# Something for the Vendors/Shop Owners.



## Petrus (9/4/17)

So , I went to Bloemfontein yesterday, and like normal when the girls/ladies/the two woman in my life went on their normal shopping spree, I did my normal walking around in the Mall as usual. So I went into a Smoke Store, where they are selling cigarettes, pipes and cheap Chinese vapes, and all of a sudden I spot a massive display with Mods, Atty's, Wire and Wick , basically the complete package. I was quite impress. Then the first customer approach the lady working there, asking for advice, and she didn't know nothing, so I helped the gentleman with a setup and he was quite impressed. So after he left I asked the lady what happened to the "old stuff", and she replied the shop has a new owner and they had opened some other shops as well. So on my way home I thought, if it were my shops, I would definitely try to hire someone with experience in vaping, to make this thing a success. And believe me, you will make a success. Who is the people interested in vaping gear???? Those who want to quit stinkies...Right...hell yes. So please guys from my point of view, try to hire someone who knows their stuff and don't play with their phone the whole time. This is my point of view from a business side.

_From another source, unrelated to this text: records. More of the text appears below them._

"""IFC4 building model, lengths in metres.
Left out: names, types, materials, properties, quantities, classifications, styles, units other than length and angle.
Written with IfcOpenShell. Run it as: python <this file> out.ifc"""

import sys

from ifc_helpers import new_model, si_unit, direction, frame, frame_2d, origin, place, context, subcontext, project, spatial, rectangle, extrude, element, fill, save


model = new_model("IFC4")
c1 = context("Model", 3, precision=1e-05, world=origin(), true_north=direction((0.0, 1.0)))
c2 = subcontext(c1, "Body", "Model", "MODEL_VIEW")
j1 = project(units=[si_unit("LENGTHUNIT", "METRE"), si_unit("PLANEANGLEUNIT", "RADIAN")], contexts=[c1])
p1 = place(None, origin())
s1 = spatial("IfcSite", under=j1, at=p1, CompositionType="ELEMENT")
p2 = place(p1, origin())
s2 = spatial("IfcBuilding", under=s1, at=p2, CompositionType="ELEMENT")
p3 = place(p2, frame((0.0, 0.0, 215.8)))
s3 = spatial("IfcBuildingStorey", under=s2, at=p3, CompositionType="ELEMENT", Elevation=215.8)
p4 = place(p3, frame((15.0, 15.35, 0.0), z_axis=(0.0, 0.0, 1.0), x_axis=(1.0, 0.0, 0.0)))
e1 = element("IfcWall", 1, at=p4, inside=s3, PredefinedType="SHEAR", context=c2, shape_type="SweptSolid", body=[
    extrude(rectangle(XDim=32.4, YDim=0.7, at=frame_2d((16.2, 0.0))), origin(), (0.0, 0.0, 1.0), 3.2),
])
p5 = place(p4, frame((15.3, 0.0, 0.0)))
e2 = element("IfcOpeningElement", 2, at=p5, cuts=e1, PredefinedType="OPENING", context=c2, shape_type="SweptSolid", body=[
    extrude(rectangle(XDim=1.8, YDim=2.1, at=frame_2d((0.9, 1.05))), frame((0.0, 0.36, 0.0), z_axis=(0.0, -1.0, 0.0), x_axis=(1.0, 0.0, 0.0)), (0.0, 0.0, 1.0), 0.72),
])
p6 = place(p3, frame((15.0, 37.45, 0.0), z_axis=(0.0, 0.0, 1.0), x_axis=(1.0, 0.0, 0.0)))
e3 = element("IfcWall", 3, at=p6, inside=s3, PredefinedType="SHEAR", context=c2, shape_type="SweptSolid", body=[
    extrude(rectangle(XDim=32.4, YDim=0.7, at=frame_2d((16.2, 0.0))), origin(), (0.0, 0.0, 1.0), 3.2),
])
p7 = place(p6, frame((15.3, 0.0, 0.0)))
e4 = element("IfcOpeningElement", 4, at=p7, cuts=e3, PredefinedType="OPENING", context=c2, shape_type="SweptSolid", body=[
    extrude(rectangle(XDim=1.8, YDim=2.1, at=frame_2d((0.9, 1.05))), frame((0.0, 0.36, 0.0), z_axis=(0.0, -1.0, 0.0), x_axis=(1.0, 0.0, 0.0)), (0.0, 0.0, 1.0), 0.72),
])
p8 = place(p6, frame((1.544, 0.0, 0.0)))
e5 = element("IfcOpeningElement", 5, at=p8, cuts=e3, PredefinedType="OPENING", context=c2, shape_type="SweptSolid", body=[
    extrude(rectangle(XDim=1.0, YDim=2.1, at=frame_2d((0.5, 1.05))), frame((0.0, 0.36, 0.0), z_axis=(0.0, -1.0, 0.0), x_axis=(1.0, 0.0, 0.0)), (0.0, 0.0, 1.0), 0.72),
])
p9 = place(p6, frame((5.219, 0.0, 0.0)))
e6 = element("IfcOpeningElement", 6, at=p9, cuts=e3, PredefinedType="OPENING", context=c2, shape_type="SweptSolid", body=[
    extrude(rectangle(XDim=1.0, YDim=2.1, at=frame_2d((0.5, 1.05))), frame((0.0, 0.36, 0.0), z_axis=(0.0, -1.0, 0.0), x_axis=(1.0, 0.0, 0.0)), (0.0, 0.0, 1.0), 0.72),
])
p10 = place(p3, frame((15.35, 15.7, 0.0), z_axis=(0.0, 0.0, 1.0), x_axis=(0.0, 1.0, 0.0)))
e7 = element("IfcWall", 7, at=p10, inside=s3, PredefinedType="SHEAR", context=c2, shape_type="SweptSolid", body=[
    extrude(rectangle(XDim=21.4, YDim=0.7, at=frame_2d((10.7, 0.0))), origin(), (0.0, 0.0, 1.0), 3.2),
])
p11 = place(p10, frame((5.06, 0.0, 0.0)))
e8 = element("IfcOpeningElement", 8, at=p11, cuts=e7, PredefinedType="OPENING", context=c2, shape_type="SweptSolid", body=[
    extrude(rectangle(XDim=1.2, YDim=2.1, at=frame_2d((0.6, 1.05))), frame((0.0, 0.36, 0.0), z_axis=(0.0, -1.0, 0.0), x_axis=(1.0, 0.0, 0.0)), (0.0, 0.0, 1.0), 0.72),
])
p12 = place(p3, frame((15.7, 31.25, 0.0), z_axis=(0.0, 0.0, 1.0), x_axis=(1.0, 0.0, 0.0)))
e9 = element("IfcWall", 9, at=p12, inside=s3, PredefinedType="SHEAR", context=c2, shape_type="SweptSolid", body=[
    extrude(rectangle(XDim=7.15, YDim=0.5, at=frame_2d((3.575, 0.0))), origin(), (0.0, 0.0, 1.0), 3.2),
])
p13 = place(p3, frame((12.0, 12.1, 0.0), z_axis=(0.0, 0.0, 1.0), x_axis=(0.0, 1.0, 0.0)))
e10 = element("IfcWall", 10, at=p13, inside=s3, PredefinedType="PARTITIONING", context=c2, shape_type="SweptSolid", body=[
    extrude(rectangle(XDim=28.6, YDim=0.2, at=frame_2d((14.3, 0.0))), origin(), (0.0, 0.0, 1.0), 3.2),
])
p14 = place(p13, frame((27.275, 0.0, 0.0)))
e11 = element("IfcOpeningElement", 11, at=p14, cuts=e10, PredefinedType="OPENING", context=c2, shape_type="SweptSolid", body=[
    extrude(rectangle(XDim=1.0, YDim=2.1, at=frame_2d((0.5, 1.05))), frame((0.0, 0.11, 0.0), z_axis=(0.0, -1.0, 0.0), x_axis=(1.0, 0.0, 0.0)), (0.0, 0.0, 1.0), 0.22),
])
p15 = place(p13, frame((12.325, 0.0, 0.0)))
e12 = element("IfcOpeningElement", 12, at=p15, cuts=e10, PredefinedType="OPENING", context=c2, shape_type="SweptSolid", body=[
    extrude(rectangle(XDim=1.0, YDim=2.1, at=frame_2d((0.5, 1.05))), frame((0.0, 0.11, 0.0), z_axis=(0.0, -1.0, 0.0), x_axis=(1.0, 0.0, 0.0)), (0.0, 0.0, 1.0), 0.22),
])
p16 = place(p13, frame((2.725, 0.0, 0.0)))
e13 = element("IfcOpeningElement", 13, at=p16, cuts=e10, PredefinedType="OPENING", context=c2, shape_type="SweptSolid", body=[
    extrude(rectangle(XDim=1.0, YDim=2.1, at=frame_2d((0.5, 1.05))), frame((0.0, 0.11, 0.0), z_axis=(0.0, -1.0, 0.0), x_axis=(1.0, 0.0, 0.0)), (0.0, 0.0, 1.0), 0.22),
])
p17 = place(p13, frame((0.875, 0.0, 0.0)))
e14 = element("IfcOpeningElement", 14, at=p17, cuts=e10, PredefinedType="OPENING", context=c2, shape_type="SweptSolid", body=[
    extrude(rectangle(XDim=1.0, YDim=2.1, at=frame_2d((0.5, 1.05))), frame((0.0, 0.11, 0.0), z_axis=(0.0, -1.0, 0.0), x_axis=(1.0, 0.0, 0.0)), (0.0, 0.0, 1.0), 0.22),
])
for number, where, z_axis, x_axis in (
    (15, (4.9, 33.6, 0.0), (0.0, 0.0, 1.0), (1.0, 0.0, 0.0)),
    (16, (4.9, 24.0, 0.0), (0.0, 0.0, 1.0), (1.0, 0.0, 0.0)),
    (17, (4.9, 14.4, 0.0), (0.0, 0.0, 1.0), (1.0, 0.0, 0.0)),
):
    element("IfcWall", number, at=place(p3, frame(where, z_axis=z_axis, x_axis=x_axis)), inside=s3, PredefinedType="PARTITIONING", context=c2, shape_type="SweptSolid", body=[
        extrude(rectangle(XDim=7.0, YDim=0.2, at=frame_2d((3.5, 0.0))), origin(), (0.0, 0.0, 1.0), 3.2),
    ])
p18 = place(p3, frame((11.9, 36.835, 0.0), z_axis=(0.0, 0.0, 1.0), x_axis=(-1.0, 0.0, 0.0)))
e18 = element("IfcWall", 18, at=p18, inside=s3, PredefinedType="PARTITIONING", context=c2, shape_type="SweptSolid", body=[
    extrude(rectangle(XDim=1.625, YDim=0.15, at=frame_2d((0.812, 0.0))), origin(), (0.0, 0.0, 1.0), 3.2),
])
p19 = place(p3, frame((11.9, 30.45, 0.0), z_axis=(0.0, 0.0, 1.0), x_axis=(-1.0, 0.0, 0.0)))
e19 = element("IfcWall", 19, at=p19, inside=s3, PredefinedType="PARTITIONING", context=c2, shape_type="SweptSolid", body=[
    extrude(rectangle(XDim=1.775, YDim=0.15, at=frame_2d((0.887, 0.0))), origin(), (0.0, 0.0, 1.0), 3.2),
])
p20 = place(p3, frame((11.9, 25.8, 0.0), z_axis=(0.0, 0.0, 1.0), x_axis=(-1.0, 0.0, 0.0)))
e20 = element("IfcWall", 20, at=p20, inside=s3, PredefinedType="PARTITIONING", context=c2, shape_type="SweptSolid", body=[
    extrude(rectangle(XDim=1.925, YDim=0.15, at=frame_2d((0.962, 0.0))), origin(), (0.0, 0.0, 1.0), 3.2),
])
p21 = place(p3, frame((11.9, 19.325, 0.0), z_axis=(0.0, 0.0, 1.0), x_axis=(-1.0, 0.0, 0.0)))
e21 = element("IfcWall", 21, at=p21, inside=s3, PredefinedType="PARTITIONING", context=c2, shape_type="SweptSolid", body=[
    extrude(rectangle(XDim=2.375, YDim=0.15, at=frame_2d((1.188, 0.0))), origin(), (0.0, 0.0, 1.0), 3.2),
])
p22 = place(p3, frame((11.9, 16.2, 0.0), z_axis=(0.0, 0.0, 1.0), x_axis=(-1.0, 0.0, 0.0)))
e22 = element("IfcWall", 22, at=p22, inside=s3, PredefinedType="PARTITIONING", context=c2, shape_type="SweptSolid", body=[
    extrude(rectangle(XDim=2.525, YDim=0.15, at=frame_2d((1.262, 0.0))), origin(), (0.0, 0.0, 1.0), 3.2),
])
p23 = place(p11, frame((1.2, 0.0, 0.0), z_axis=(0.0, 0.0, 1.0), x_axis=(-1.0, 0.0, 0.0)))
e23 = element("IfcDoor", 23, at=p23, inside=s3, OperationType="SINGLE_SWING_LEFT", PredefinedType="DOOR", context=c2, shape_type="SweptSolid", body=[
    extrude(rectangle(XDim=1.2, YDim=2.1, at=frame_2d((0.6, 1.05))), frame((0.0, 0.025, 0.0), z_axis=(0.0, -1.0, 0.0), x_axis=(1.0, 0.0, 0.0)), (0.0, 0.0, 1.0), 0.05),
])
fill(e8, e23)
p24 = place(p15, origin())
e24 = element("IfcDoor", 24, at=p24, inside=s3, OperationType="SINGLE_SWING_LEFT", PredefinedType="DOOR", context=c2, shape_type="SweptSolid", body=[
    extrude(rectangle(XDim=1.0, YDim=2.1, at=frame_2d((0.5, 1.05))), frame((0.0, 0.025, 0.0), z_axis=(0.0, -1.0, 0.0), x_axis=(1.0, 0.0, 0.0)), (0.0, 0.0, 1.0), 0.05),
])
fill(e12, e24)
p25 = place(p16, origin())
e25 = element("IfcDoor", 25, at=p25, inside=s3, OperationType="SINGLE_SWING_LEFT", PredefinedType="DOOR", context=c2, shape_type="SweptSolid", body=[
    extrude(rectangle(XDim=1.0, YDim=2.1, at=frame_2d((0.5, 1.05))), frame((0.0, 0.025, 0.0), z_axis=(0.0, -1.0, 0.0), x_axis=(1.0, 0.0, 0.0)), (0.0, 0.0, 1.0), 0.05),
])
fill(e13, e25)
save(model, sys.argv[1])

Reactions: Like 2 | Agree 8


----------



## Huffapuff (9/4/17)

A knowledgeable salesperson makes all the difference. For the noob vaper there is just too much overwhelming choice - having someone who knows their stuff recommending the right gear creates a new, returning customer.

Reactions: Agree 3


----------



## Clouds4Days (9/4/17)

Petrus said:


> So , I went to Bloemfontein yesterday, and like normal when the girls/ladies/the two woman in my life went on their normal shopping spree, I did my normal walking around in the Mall as usual. So I went into a Smoke Store, where they are selling cigarettes, pipes and cheap Chinese vapes, and all of a sudden I spot a massive display with Mods, Atty's, Wire and Wick , basically the complete package. I was quite impress. Then the first customer approach the lady working there, asking for advice, and she didn't know nothing, so I helped the gentleman with a setup and he was quite impressed. So after he left I asked the lady what happened to the "old stuff", and she replied the shop has a new owner and they had opened some other shops as well. So on my way home I thought, if it were my shops, I would definitely try to hire someone with experience in vaping, to make this thing a success. And believe me, you will make a success. Who is the people interested in vaping gear???? Those who want to quit stinkies...Right...hell yes. So please guys from my point of view, try to hire someone who knows their stuff and don't play with their phone the whole time. This is my point of view from a business side.



This is definitely the reason twisp has been successful (especially for beginner vapers) because they train their staff based on their products.

Sure they dont know how to make coils and different wire types etc.. But they dont need to know that because their products do not require coil building.

Reactions: Agree 1


----------



## BumbleBee (9/4/17)

There are tonnes of shops like this, they're retail outlets only, expanding their product range to meet monthly targets. Usually their profit margins are considerably higher than a dedicated vape shop. In my experience these shop owners just want to move products and don't really care more than that. Selling hubbly, tobacco cigarettes and vapes under one roof proves this. No tobacco shop is going to try to help you to quit smoking.

Reactions: Like 1 | Agree 3


----------